Ils ont ainsi la preuve des résultats authentiques de leur région – juste au cas où ceux annoncés plus tard par la commission électorale ne correspondraient pas.
Il a manifestement fallu du temps aux politiciens véreux pour se rendre compte que les gens sauront désormais s’ils modifient les résultats.
Dans le sud-est du Togo, des représentants locaux du parti m’ont dit qu’ils avaient assisté au dépouillement en 2005 et qu’ils avaient approuvé le résultat ; ils ont vu le fonctionnaire responsable partir pour la capitale, emportant la feuille de résultats signée.

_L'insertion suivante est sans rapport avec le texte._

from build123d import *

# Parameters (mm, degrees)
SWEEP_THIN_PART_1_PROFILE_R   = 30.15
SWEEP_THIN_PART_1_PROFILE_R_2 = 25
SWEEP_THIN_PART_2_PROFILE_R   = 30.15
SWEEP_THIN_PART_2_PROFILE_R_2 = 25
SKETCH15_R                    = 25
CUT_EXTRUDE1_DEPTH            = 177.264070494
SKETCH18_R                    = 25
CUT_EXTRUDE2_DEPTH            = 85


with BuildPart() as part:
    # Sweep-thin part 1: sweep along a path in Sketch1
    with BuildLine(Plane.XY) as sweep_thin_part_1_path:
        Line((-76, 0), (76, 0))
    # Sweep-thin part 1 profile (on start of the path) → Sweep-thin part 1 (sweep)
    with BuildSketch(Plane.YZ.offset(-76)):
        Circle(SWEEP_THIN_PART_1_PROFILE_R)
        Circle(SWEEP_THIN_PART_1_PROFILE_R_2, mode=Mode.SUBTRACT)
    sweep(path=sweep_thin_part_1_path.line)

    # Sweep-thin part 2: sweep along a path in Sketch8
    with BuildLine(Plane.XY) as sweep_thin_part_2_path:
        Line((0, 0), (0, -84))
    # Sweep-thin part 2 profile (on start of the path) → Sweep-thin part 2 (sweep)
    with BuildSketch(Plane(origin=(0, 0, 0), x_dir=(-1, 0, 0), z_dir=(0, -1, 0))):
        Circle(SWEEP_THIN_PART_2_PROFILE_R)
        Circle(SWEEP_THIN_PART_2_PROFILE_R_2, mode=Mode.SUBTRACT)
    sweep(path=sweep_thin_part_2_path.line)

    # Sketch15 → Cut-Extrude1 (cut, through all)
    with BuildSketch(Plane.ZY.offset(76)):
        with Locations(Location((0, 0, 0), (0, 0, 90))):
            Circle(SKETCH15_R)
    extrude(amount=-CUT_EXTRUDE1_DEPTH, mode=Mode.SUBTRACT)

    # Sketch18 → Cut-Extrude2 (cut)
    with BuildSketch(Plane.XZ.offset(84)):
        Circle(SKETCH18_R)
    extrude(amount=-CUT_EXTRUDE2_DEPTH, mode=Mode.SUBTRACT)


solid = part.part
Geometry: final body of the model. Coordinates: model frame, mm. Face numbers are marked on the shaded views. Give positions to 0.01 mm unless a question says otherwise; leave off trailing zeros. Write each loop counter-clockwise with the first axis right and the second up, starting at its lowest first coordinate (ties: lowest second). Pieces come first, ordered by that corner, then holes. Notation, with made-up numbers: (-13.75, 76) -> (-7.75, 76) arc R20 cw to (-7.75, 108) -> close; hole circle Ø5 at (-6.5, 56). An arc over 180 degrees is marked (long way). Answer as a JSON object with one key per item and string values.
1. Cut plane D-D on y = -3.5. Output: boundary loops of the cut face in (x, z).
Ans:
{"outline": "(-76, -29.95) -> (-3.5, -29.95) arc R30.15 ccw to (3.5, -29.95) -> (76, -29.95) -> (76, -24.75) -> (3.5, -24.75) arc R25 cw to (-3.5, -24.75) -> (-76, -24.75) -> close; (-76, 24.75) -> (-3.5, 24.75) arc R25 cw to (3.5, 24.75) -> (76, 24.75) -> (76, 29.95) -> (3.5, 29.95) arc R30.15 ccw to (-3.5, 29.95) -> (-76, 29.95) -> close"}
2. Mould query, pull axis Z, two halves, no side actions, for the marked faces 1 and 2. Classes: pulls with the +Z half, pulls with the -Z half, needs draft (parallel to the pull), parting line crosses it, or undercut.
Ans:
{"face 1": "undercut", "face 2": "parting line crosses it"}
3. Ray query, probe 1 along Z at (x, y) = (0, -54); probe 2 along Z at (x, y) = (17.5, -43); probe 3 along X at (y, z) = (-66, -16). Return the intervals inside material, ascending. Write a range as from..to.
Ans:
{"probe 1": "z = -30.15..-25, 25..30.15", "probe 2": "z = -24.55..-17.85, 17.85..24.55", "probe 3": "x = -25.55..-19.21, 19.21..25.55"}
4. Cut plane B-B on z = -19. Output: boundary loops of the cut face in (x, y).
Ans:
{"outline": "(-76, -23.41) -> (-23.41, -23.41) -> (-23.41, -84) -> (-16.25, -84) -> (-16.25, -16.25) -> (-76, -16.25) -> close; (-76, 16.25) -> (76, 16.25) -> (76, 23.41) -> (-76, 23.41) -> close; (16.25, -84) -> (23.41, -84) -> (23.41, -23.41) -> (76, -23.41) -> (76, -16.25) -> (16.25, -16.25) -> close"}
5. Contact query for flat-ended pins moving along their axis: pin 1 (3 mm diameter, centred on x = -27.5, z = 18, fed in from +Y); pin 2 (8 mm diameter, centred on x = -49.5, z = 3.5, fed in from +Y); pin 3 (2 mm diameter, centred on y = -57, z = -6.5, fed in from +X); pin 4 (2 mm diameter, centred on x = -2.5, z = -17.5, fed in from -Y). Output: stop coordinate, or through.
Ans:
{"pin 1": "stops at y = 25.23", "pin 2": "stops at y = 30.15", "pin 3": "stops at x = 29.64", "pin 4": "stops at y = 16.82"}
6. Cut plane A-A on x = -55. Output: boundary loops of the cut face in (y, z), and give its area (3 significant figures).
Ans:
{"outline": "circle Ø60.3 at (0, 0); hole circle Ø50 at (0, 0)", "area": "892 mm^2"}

Pourtant, les résultats annoncés plus tard à la radio étaient différents.
La même chose s’est produite dans la province du Katanga, en République démocratique du Congo, en 2011. Les résultats annoncés à la radio n’étaient pas les mêmes que ceux que les observateurs internationaux ont vu affichés à l’extérieur des bureaux de vote.
Mais cette transparence ne fonctionne que si l’annonce officielle des résultats comprend les chiffres des centres de dépouillement individuels – et cela est devenu un problème dans l’élection gabonaise actuelle.
Retard dans l’annonce des résultats
Enfin un élément qui n’est pas nécessairement un signe de truquage, mais qui est souvent supposé l’être.
Les commissions électorales, en particulier en Afrique, peuvent sembler prendre un temps anormalement long pour publier les résultats officiels.
Cela n’est pas aidé par les réseaux d’observateurs locaux et les partis politiques qui, en comptabilisant les résultats envoyés par leurs agents sur des téléphones portables, ont une bonne idée du résultat bien avant que le processus officiel, plus lourd, ne soit terminé.
Mais le processus officiel prend du temps, surtout dans les pays où les communications sont mauvaises, et l’introduction de systèmes modernes de transmission électronique n’a pas forcément aidé.
Lorsque ces systèmes se sont avérés trop exigeants pour le contexte, comme au Malawi l’année dernière, ils peuvent en fait augmenter les retards car le personnel se bat pour faire fonctionner la technologie.
Dans ce cas particulier, les résultats ont finalement dû être transmis à l’ancienne : placés dans des enveloppes et conduits jusqu’à la capitale sous escorte policière.
Entre-temps, les allégations de truquage ont fusé.
Le retard est certainement dangereux, alimentant les rumeurs de résultats « massés » avant leur publication et augmentant les tensions, mais ce n’est pas une preuve irréfutable de truquage.